Authors: Francis Knight
Tags: #Fiction / Urban Life, #Fiction / Mystery & Detective - Hard Boiled, #Fiction / Fantasy - Epic, #Fiction / Gothic, #Science Fiction, #Fantasy, #Adult, #Fiction / Fantasy - Paranormal
It wasn’t a whole lot of comfort, if I’m honest.
Perak’s eyes were drooping and red-rimmed. I left him with a solemn promise to find Amarie and he promised he would sleep. I wasn’t so sure either promise would be kept any time soon.
I slid out of the door and blinked at the brighter lights of the corridor. The guards either side of the doorway made me feel both that Perak was safer, and more in danger. Ministry paid the guards’ wages. Perak, my daydreaming little brother, had invented the gun – that incident at the guards’ station with the black powder now seemed prophetic – and now he’d
been shot, his wife was dead and his daughter kidnapped. I caught Dench’s eye and we didn’t need to exchange words. I had to talk to him soon though, and from the worried pinch of the skin round his eyes he wanted to talk to me. He palmed me a piece of paper as I made my way past, and I took pains to hide it from the other guard.
The nurses’ workstation was a blur of activity along the corridor and I read the note as I walked.
Beggar’s Roost, midnight
. Dench’s favourite pub, where the women were cheap and the beer cheaper, but only just. Well, it would be rude not to go, right? Besides, it wasn’t like I’d had anything planned for that night, not now.

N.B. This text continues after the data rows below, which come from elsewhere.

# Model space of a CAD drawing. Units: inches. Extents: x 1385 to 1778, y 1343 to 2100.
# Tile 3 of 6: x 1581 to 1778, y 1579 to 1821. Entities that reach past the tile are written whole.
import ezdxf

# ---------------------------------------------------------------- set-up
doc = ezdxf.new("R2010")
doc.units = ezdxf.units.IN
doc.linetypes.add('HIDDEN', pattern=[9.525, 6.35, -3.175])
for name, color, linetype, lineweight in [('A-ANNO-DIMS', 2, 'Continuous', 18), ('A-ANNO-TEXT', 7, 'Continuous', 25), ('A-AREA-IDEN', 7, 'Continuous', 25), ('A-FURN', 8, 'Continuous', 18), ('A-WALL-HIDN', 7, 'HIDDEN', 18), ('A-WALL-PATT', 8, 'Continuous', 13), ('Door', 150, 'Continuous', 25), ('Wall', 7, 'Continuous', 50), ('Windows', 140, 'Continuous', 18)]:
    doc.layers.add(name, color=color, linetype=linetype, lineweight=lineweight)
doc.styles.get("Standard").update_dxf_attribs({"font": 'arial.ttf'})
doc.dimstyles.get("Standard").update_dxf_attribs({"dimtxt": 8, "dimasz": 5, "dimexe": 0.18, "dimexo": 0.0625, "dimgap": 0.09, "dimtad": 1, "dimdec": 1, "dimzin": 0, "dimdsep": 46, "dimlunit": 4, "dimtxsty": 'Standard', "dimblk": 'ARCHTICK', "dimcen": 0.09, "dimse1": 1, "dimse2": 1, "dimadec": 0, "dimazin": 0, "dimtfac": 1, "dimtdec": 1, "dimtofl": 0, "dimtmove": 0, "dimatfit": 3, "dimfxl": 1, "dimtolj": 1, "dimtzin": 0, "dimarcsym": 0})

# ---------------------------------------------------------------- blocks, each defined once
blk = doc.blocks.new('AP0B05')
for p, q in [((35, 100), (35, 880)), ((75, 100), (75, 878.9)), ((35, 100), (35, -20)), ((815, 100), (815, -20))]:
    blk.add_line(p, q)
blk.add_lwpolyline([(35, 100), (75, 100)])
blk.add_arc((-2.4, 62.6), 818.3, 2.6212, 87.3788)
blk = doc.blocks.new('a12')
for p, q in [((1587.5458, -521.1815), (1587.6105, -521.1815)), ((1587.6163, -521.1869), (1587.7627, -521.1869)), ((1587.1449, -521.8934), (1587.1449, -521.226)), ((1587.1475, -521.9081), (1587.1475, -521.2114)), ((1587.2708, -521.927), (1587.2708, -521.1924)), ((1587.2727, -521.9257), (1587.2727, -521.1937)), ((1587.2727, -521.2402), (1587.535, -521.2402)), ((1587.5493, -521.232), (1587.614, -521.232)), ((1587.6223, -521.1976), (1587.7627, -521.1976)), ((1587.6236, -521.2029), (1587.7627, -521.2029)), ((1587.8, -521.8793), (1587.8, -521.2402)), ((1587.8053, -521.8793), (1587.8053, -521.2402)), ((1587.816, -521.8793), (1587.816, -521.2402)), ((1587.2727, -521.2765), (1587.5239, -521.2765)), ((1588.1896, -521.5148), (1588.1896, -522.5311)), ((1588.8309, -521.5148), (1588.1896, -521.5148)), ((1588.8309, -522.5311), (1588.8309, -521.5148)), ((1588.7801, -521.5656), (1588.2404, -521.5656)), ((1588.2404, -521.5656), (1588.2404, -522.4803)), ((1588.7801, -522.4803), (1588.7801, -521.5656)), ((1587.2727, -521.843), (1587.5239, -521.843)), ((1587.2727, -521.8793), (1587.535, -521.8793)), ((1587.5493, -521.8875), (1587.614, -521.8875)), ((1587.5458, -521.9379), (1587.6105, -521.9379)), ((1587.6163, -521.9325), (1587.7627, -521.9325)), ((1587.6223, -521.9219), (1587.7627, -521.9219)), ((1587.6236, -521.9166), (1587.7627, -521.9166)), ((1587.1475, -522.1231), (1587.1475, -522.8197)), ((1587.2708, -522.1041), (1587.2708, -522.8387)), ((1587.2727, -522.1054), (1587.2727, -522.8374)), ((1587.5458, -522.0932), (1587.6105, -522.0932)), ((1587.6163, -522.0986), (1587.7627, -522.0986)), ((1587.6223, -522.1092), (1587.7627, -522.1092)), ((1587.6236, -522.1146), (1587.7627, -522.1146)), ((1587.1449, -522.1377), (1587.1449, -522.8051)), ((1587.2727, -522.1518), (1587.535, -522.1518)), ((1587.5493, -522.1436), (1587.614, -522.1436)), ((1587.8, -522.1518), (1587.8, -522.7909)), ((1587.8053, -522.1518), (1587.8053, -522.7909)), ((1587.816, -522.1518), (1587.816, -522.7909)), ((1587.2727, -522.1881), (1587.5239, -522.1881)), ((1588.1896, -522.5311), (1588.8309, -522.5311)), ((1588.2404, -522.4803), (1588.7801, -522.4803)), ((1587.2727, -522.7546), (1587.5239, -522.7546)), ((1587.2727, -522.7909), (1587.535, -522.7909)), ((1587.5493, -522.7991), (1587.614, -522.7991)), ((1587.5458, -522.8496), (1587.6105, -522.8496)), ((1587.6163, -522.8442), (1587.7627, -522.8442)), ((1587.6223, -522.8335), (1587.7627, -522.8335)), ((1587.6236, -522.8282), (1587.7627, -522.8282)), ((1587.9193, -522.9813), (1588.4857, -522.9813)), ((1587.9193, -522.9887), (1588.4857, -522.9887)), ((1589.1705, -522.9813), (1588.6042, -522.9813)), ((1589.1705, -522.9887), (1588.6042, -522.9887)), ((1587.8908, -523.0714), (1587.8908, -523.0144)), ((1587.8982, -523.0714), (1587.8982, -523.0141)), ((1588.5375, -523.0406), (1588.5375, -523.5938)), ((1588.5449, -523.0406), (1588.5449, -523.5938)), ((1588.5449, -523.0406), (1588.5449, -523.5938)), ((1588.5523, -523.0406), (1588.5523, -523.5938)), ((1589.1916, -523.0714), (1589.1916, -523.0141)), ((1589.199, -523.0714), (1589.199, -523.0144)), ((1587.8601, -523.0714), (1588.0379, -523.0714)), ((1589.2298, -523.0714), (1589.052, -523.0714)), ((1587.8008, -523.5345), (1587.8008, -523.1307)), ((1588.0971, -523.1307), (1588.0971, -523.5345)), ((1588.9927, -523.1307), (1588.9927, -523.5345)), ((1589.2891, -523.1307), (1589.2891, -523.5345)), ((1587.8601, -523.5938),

The nurses were efficient and scrubbed to shiny-cheeked perfection, their acolytes’ robes brilliant white and stiff with starch. One of them – the name “Lilla” was embroidered on her robe – led me along corridors, down stairs, past wards that wafted the stench of synth at me so I hurried to get away, up another set of stairs and round till I was lost. I didn’t mind too much: the nurse was pretty in a clean and clinical way and I flirted my best. Even got a promise of dinner at a later date. Nurses: clean on the outside but, in my plentiful experience, absolutely filthy in bed.
Finally, with a dimpled smile and a giggle that hinted at much naughtiness, she showed me through a door. The room I entered was, simply put, staggering. I’d expected a cramped office overflowing with charts and bits of doctorly paraphernalia with cut-away diagrams of ears and hearts and livers.
Maybe a skeleton grinning at people. What I got was a full-blown laboratory.
Glassware covered every surface of one half of the room, sadly not bubbling in a mad-scientist kind of way. I kind of hoped something green and seething would emit a whiff of gas that would give me visions, but no such luck. A half-dissected pig lay across a table, but that wasn’t much of a consolation. Mainly due to the smell of shit, which made me think it might have still been alive when the good doctor started. Wait, wait. I backed up a bit.
A pig. A real live, er, dead pig. How much money did this hospital have? Pork was even more expensive than beef – pigs had suffered more than cows from the synth. And the skin: pigskin was worth more than gold – shit, more than diamonds, pound for pound. Altogether the pig was worth more than everything I owned
or
was ever likely to. Plus, I’d heard they tasted nice. I’d smelled bacon once, and I still dreamed of it sometimes. It smelled crispy and crunchy and a hundred, maybe a thousand times better than any of the processed slop that was all anyone from Under-Trade could usually afford to eat. And Whelar was cutting it up.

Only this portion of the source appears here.